Sibelius lui-même nous met en garde contre cet analogisme, en recourant à... une analogie:
" If someone writes about my music and finds, let us say, a feeling of nature in it, all well and good. Let him say that, as long as we have it clear within ourselves, we do not become a part of the music's innermost sound and sense through analysis ... Compositions are like butterflies. Touch them even once and the dust of hue is gone. They can, of course, still fly, but are nowhere as beautiful ... "

Une des pièces les plus obsédantes, les plus secrètes, de l'histoire de la musique (pas moins), selon moi bien sûr, et quelques autres. La première fois que j'ai entendu ça, à la radio, j'avais 12 ans, par là. Je savais rien de ce morceau, ni qui l'avait écrit, ni quand, ni pourquoi, etc. Mais je sentais que dès la première note, il fallait que ça suive inexorablement son cours jusqu'à la dernière. Un pur bloc compact, minéral, une nappe phréatique, une fréquence souterraine, une géo-musique plane mais insondable. J'ai bien écouté Tapiola 500 fois, sans déconner. J'en ai toujours pas épuisé la substance.

Et voici, toujours selon moi, comment il faut jouer Tapiola, le juste tempo, la juste sonorité. Ne me demandez pas comment je le sais, je le sais, c'est tout, immémorialement, depuis mon cerveau reptilien, pour reprendre une métaphore foireuse.

Allez - et c'est un ordre -, interrompez toute activité et prenez 20 minutes de votre journée (multipliées par trois) pour écouter ce truc, ce monolithe stellaire, cette stèle monolithique...
 
 
Parmi la tripotée de très belles versions disponibles sur YT, j'en choisis donc 3, parce qu'il est toujours nécessaire d'écouter une pièce essentielle au moins 3 fois.
La version de Leif Segerstam est peut-être celle qui m'envoûte le plus.
 
 



La version de Neeme Järvi (avec l'orchestre de Göteborg, DG 2000), indispensable:






Karajan - avec le BPO, DG 1964 - nous emmène loin, très loin, dans ces contrées reculées où la main du serpent ne s'aventurerait point à mettre le?

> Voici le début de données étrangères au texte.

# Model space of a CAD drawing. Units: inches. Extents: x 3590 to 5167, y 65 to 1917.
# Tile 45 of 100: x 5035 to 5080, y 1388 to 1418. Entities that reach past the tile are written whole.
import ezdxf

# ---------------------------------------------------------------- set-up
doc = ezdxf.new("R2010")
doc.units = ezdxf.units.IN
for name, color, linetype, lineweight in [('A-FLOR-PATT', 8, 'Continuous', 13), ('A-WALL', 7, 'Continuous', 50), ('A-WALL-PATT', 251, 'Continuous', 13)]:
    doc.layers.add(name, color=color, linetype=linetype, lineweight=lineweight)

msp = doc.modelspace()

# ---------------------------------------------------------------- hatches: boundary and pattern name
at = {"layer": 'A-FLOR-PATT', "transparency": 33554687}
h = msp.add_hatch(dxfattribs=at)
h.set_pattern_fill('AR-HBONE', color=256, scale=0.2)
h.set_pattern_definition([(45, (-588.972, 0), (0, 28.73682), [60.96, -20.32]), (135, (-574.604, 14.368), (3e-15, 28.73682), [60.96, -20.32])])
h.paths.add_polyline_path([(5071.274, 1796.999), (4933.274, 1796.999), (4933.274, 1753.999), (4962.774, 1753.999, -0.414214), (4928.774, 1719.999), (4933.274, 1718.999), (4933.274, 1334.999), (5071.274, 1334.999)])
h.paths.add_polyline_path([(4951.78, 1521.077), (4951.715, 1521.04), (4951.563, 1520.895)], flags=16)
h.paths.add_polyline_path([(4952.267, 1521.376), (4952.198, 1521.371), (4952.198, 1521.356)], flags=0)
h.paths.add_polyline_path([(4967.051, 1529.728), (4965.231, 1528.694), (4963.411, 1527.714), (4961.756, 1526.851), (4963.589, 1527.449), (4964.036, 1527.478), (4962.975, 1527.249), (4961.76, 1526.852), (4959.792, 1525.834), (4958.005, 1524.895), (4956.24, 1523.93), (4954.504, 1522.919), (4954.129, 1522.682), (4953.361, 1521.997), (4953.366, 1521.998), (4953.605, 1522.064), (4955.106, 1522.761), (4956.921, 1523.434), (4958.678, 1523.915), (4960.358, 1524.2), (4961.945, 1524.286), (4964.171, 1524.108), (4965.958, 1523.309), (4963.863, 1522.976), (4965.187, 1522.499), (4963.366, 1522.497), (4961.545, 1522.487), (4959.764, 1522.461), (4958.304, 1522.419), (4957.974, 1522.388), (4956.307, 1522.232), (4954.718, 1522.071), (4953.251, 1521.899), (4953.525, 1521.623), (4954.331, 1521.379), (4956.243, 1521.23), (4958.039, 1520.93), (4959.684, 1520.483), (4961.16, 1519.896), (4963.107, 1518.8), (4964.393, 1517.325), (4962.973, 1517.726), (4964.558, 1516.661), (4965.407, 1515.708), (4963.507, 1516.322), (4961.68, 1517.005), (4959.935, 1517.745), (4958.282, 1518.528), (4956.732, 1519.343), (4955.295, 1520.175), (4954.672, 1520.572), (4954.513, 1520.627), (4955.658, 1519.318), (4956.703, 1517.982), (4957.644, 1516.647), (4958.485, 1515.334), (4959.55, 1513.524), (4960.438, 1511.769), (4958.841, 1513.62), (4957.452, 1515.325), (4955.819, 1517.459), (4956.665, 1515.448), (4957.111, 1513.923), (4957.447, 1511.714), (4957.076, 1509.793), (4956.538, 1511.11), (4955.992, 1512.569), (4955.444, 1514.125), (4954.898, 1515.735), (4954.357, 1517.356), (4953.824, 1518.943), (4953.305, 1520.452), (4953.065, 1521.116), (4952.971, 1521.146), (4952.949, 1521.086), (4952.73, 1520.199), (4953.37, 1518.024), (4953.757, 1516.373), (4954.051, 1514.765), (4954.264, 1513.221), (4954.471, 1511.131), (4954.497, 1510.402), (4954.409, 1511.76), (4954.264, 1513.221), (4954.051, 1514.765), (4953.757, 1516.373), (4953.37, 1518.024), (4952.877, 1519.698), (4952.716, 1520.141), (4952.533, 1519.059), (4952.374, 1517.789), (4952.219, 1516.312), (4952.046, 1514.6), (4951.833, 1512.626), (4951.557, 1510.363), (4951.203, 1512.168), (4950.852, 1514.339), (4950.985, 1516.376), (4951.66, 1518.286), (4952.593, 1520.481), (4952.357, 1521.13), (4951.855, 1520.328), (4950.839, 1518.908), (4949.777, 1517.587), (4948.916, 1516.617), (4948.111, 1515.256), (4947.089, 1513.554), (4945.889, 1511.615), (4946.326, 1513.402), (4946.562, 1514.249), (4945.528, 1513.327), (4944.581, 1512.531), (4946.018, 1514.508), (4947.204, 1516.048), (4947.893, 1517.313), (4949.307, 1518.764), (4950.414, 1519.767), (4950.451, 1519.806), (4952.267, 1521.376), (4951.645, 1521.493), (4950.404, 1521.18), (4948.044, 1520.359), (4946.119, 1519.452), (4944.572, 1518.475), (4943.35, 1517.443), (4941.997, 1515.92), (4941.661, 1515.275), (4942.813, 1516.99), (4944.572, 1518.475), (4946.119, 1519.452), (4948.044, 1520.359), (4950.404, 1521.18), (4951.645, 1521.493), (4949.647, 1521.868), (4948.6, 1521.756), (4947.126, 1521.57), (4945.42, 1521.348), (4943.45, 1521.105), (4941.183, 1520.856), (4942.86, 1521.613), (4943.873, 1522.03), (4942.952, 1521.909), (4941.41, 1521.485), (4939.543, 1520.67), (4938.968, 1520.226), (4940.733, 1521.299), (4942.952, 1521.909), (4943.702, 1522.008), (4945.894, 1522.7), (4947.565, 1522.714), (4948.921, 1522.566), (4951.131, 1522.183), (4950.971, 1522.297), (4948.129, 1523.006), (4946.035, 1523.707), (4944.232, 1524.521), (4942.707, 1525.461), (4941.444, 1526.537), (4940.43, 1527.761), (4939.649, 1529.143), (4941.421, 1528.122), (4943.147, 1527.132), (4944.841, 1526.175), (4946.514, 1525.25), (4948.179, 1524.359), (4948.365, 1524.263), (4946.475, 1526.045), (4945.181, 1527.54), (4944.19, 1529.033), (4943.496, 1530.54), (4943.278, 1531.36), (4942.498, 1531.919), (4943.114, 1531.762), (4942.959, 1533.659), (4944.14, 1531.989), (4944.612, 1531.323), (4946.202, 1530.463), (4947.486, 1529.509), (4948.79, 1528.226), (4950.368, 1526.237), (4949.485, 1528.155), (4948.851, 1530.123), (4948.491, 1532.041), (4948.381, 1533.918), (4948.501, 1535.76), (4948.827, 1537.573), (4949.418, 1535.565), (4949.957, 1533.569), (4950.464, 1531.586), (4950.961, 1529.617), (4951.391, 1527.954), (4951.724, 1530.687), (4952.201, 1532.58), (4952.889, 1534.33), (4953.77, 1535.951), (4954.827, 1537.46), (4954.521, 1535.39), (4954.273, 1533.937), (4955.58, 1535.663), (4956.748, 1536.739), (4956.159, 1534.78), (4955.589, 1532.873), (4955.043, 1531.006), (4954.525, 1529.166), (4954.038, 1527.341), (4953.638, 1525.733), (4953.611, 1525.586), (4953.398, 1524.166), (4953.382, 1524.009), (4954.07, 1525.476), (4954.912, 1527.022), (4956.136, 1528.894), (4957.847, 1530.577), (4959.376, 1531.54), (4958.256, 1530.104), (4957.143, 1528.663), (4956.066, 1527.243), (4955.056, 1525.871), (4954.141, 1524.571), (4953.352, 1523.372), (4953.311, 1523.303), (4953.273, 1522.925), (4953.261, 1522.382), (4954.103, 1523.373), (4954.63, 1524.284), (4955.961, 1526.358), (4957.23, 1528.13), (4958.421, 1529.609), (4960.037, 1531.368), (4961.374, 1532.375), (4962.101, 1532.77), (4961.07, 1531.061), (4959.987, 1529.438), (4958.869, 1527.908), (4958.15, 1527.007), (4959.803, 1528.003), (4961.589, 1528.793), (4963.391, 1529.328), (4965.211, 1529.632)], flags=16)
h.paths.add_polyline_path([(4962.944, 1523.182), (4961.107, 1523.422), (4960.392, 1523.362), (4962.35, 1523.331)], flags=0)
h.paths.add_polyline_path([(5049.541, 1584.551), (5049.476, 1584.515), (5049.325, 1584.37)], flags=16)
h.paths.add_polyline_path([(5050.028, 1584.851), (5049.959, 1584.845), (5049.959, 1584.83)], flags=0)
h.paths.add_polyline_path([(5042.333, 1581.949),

A mettre le? Le pied, je me tue à le dire. Alliage du phréatique et du tellurique. Moins chantant mais plus paniquant que Jarvi, plus douloureux, aussi, comme une brûlure persistante. K. rumine cette affaire de longue date, déjà, on sent que ça lui a travaille bien le siphon. Sibelius, avant de se rétracter, disait que K. était le seul qui comprenait son travail. Serait-ce le plus beau Tapiola gravé sur disque? Je serais tenté de le dire. Avec Segerstam. Si vous trouvez mieux, n'hésitez pas à m'en informer, j'fais la collec... (Il y a bien sûr Osmo Vänskä... Cependant, il va un chouïa trop vite). 
 
 
 

 
 

1 commentaire:

Anonyme a dit…

Ouais, pour les tempi trop rapides de Paavo... Je sais pas, mais je crois que je préfère encore ça aux lenteurs pesantes, monstrueusement pesantes (limite lourdingues) de, par ex., la 2e symphonie par Lorin Maazel. Sans compter les rubatos et décalages entre les basses et la mélodie. Comme au piano, sauf que si déjà au piano, c'est de mauvais goût, je ne vous dis pas comment c'est à l'orchestre, hein.

Bon, sur ce, cher ami, je vais me pieuter, en rêvant de Sibelius et du dieu de la forêt...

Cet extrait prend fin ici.